Tales of lonely trails eBook

This eBook from the Gutenberg Project consists of approximately 476 pages of information about Tales of lonely trails.

Tales of lonely trails eBook

This eBook from the Gutenberg Project consists of approximately 476 pages of information about Tales of lonely trails.

“Waa-hoo!” Emett’s signal, faint, far away, soaring but unmistakable, floated down to us.  Across the jutting capes separating the mouths of these canyons, high above them on the rim wall of the opposite side of the Bay, stood a giant white horse silhouetted against the white sky.  They made a brave picture, one most welcome to us.  We yelled in chorus:  “Three lions treed!  Three lions treed! come down—­hurry!”

A crash of rolling stones made us wheel.  Jude’s lion had jumped.  He ran straight down, drawing Sounder from his guard.  Jude went tearing after them.

“I’ll follow; you stay here.  Keep them up there, if you can!” yelled Jones.  Then in long strides he passed down out of sight among the trees and crags.

It had all happened so quickly that I could scarcely realize it.  The yelping of the hounds, the clattering of stones, grew fainter, telling me Jude and Sounder, with Jones, were going to the bottom of the Bay.

Both lions snarling at me brought me to a keen appreciation of the facts in the case.  Two full-grown lions to be kept treed without hounds, without a companion, without a gun.

“This is fine!  This is funny!” I cried, and for a moment I wanted to run.  But the same grim, deadly feeling that had taken me with Don around the narrow shelf now rose in me stronger and fiercer.  I pronounced one savage malediction upon myself for leaving my gun.  I could not go for it; I would have to make the best of my error, and in the wildness born of the moment I swore if the lions would stay treed for the hounds they would stay treed for me.

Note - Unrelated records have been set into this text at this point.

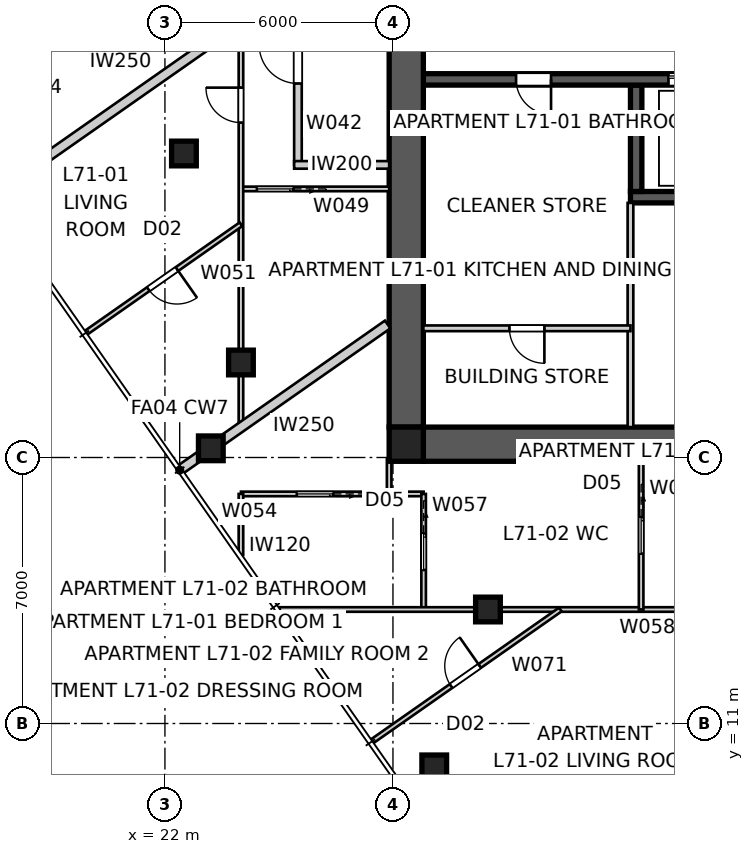
"""IFC4 building model, lengths in metres.
Left out: names, types, materials, properties, quantities, classifications, styles, units other than length and angle.
Written with IfcOpenShell. Run it as: python <this file> out.ifc"""

import sys

from ifc_helpers import new_model, si_unit, direction, frame, frame_2d, origin, origin_2d, place, context, subcontext, project, spatial, polyline, rectangle, outline, extrude, element, fill, save


model = new_model("IFC4")
c1 = context("Model", 3, precision=1e-05, world=origin(), true_north=direction((0.0, 1.0)))
c2 = subcontext(c1, "Body", "Model", "MODEL_VIEW")
j1 = project(units=[si_unit("LENGTHUNIT", "METRE"), si_unit("PLANEANGLEUNIT", "RADIAN")], contexts=[c1])
p1 = place(None, origin())
s1 = spatial("IfcSite", under=j1, at=p1, CompositionType="ELEMENT")
p2 = place(p1, origin())
s2 = spatial("IfcBuilding", under=s1, at=p2, CompositionType="ELEMENT")
p3 = place(p2, frame((0.0, 0.0, 257.4)))
s3 = spatial("IfcBuildingStorey", under=s2, at=p3, CompositionType="ELEMENT", Elevation=257.4)
p4 = place(p3, frame((51.2, 18.35, 0.0), z_axis=(0.0, 0.0, 1.0), x_axis=(-1.0, 0.0, 0.0)))
e1 = element("IfcWall", 1, at=p4, inside=s3, PredefinedType="SHEAR", context=c2, shape_type="SweptSolid", body=[
    extrude(outline(polyline([(0.0, -0.45), (22.4, -0.45), (22.4, -0.025), (22.85, -0.025), (22.85, 0.025), (22.4, 0.025), (22.4, 0.45), (0.0, 0.45), (0.0, 0.025), (-0.45, 0.025), (-0.45, -0.025), (0.0, -0.025), (0.0, -0.45)])), origin(), (0.0, 0.0, 1.0), 3.4),
])
p5 = place(p3, frame((28.35, 41.2, 0.0), z_axis=(0.0, 0.0, 1.0), x_axis=(0.0, -1.0, 0.0)))
e2 = element("IfcWall", 2, at=p5, inside=s3, PredefinedType="SHEAR", context=c2, shape_type="SweptSolid", body=[
    extrude(outline(polyline([(0.0, -0.45), (22.4, -0.45), (22.4, -0.025), (22.85, -0.025), (22.85, 0.025), (22.4, 0.025), (22.4, 0.45), (0.0, 0.45), (0.0, 0.025), (-0.45, 0.025), (-0.45, -0.025), (0.0, -0.025), (0.0, -0.45)])), origin(), (0.0, 0.0, 1.0), 3.4),
])
p6 = place(p5, frame((11.14, 0.0, 0.0)))
e3 = element("IfcOpeningElement", 3, at=p6, cuts=e2, PredefinedType="OPENING", context=c2, shape_type="SweptSolid", body=[
    extrude(rectangle(XDim=1.02, YDim=2.4, at=frame_2d((0.51, 1.2))), frame((0.0, 0.46, 0.0), z_axis=(0.0, -1.0, 0.0), x_axis=(1.0, 0.0, 0.0)), (0.0, 0.0, 1.0), 0.92),
])
p7 = place(p3, frame((51.2, 27.95, 0.0), z_axis=(0.0, 0.0, 1.0), x_axis=(-1.0, 0.0, 0.0)))
e4 = element("IfcWall", 4, at=p7, inside=s3, PredefinedType="SHEAR", context=c2, shape_type="SweptSolid", body=[
    extrude(rectangle(XDim=22.4, YDim=0.3, at=frame_2d((11.2, 0.0))), origin(), (0.0, 0.0, 1.0), 3.4),
])
p8 = place(p7, frame((19.04, 0.0, 0.0)))
e5 = element("IfcOpeningElement", 5, at=p8, cuts=e4, PredefinedType="OPENING", context=c2, shape_type="SweptSolid", body=[
    extrude(rectangle(XDim=0.92, YDim=2.1, at=frame_2d((0.46, 1.05))), frame((0.0, 0.16, 0.0), z_axis=(0.0, -1.0, 0.0), x_axis=(1.0, 0.0, 0.0)), (0.0, 0.0, 1.0), 0.32),
])
p9 = place(p7, frame((1.265, 0.0, 0.0)))
e6 = element("IfcOpeningElement", 6, at=p9, cuts=e4, PredefinedType="OPENING", context=c2, shape_type="SweptSolid", body=[
    extrude(rectangle(XDim=1.02, YDim=2.1, at=frame_2d((0.51, 1.05))), frame((0.0, 0.16, 0.0), z_axis=(0.0, -1.0, 0.0), x_axis=(1.0, 0.0, 0.0)), (0.0, 0.0, 1.0), 0.32),
])
p10 = place(p7, frame((4.015, 0.0, 0.0)))
e7 = element("IfcOpeningElement", 7, at=p10, cuts=e4, PredefinedType="OPENING", context=c2, shape_type="SweptSolid", body=[
    extrude(rectangle(XDim=0.92, YDim=2.1, at=frame_2d((0.46, 1.05))), frame((0.0, 0.16, 0.0), z_axis=(0.0, -1.0, 0.0), x_axis=(1.0, 0.0, 0.0)), (0.0, 0.0, 1.0), 0.32),
])
p11 = place(p7, frame((9.79, 0.0, 0.0)))
e8 = element("IfcOpeningElement", 8, at=p11, cuts=e4, PredefinedType="OPENING", context=c2, shape_type="SweptSolid", body=[
    extrude(rectangle(XDim=0.92, YDim=2.1, at=frame_2d((0.46, 1.05))), frame((0.0, 0.16, 0.0), z_axis=(0.0, -1.0, 0.0), x_axis=(1.0, 0.0, 0.0)), (0.0, 0.0, 1.0), 0.32),
])
p12 = place(p7, frame((6.115, 0.0, 0.0)))
e9 = element("IfcOpeningElement", 9, at=p12, cuts=e4, PredefinedType="OPENING", context=c2, shape_type="SweptSolid", body=[
    extrude(rectangle(XDim=0.92, YDim=2.1, at=frame_2d((0.46, 1.05))), frame((0.0, 0.16, 0.0), z_axis=(0.0, -1.0, 0.0), x_axis=(1.0, 0.0, 0.0)), (0.0, 0.0, 1.0), 0.32),
])
p13 = place(p7, frame((12.05, 0.0, 0.0)))
e10 = element("IfcOpeningElement", 10, at=p13, cuts=e4, PredefinedType="OPENING", context=c2, shape_type="SweptSolid", body=[
    extrude(rectangle(XDim=1.1, YDim=2.1, at=frame_2d((0.55, 1.05))), frame((0.0, 0.16, 0.0), z_axis=(0.0, -1.0, 0.0), x_axis=(1.0, 0.0, 0.0)), (0.0, 0.0, 1.0), 0.32),
])
p14 = place(p7, frame((14.85, 0.0, 0.0)))
e11 = element("IfcOpeningElement", 11, at=p14, cuts=e4, PredefinedType="OPENING", context=c2, shape_type="SweptSolid", body=[
    extrude(rectangle(XDim=1.1, YDim=2.1, at=frame_2d((0.55, 1.05))), frame((0.0, 0.16, 0.0), z_axis=(0.0, -1.0, 0.0), x_axis=(1.0, 0.0, 0.0)), (0.0, 0.0, 1.0), 0.32),
])
p15 = place(p3, frame((45.75, 24.85, 0.0), z_axis=(0.0, 0.0, 1.0), x_axis=(-1.0, 0.0, 0.0)))
e12 = element("IfcWall", 12, at=p15, inside=s3, PredefinedType="SHEAR", context=c2, shape_type="SweptSolid", body=[
    extrude(rectangle(XDim=11.5, YDim=0.3, at=frame_2d((5.75, 0.0))), origin(), (0.0, 0.0, 1.0), 3.4),
])
p16 = place(p3, frame((34.4, 27.8, 0.0), z_axis=(0.0, 0.0, 1.0), x_axis=(0.0, -1.0, 0.0)))
e13 = element("IfcWall", 13, at=p16, inside=s3, PredefinedType="SHEAR", context=c2, shape_type="SweptSolid", body=[
    extrude(rectangle(XDim=2.8, YDim=0.3, at=frame_2d((1.4, 0.0))), origin(), (0.0, 0.0, 1.0), 3.4),
])
p17 = place(p3, frame((28.35, 18.35, 0.0), z_axis=(0.0, 0.0, 1.0), x_axis=(1.0, 0.0, 0.0)))
e14 = element("IfcColumn", 14, at=p17, inside=s3, PredefinedType="COLUMN", context=c2, shape_type="SweptSolid", body=[
    extrude(rectangle(XDim=0.9, YDim=0.9, at=origin_2d()), origin(), (0.0, 0.0, 1.0), 3.4),
])
for number, where, z_axis, x_axis in (
    (15, (23.207, 18.242, 0.0), (0.0, 0.0, 1.0), (1.0, 0.0, 0.0)),
    (16, (29.086, 9.845, 0.0), (0.0, 0.0, 1.0), (1.0, 0.0, 0.0)),
    (17, (22.5, 26.0, 0.0), (0.0, 0.0, 1.0), (1.0, 0.0, 0.0)),
    (18, (24.0, 20.5, 0.0), (0.0, 0.0, 1.0), (1.0, 0.0, 0.0)),
    (19, (30.5, 14.0, 0.0), (0.0, 0.0, 1.0), (1.0, 0.0, 0.0)),
):
    element("IfcColumn", number, at=place(p3, frame(where, z_axis=z_axis, x_axis=x_axis)), inside=s3, PredefinedType="COLUMN", context=c2, shape_type="SweptSolid", body=[
        extrude(rectangle(XDim=0.65, YDim=0.65, at=origin_2d()), origin(), (0.0, 0.0, 1.0), 3.4),
    ])
p18 = place(p3, frame((25.5, 25.7, 0.0), z_axis=(0.0, 0.0, 1.0), x_axis=(0.0, 1.0, 0.0)))
e20 = element("IfcWall", 20, at=p18, inside=s3, PredefinedType="PARTITIONING", context=c2, shape_type="SweptSolid", body=[
    extrude(rectangle(XDim=8.6, YDim=0.2, at=frame_2d((4.3, 0.0))), origin(), (0.0, 0.0, 1.0), 3.25),
])
p19 = place(p18, frame((2.142, 0.0, 0.0)))
e21 = element("IfcOpeningElement", 21, at=p19, cuts=e20, PredefinedType="OPENING", context=c2, shape_type="SweptSolid", body=[
    extrude(rectangle(XDim=1.02, YDim=2.34, at=frame_2d((0.51, 1.17))), frame((0.0, 0.11, 0.0), z_axis=(0.0, -1.0, 0.0), x_axis=(1.0, 0.0, 0.0)), (0.0, 0.0, 1.0), 0.22),
])
p20 = place(p18, frame((6.037, 0.0, 0.0)))
e22 = element("IfcOpeningElement", 22, at=p20, cuts=e20, PredefinedType="OPENING", context=c2, shape_type="SweptSolid", body=[
    extrude(rectangle(XDim=1.02, YDim=2.34, at=frame_2d((0.51, 1.17))), frame((0.0, 0.11, 0.0), z_axis=(0.0, -1.0, 0.0), x_axis=(1.0, 0.0, 0.0)), (0.0, 0.0, 1.0), 0.22),
])
p21 = place(p3, frame((27.9, 25.7, 0.0), z_axis=(0.0, 0.0, 1.0), x_axis=(-1.0, 0.0, 0.0)))
e23 = element("IfcWall", 23, at=p21, inside=s3, PredefinedType="PARTITIONING", context=c2, shape_type="SweptSolid", body=[
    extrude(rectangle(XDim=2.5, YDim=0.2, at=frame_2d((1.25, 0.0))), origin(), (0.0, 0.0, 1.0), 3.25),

First I photographed them from different positions; then I took up my stand about on a level with them in an open place on the slope where they had me in plain sight.  I might have been fifty feet from them.  They showed no inclination to come down.

About this moment I heard hounds below, coming down from the left.  I called and called, but they passed on down the canyon bottom in the direction Jones had taken.

Presently a chorus of bays, emphasized by Jones’ yell, told me his lion had treed again.

“Waa-hoo!” rolled down from above.

I saw Emett farther to the left from the point where he had just appeared.

“Where—­can—­I—­get—­down?”

I surveyed the walls of the Bay.  Cliff on cliff, slide on slide, jumble, crag, and ruin, baffled my gaze.  But I finally picked out a path.

“Farther to the left,” I yelled, and waited.  He passed on, Don at his heels.

“There,” I yelled again, “stop there; let Don go down with your lasso, and come yourself.”

I watched him swing the hound down a wall, and pull the slip noose free.  Don slid to the edge of a slope, trotted to the right and left of crags, threaded the narrow places, and turned in the direction of the baying hounds.  He passed on the verge of precipices that made me tremble for him; but sure-footed as a goat, he went on safely down, to disappear far to my right.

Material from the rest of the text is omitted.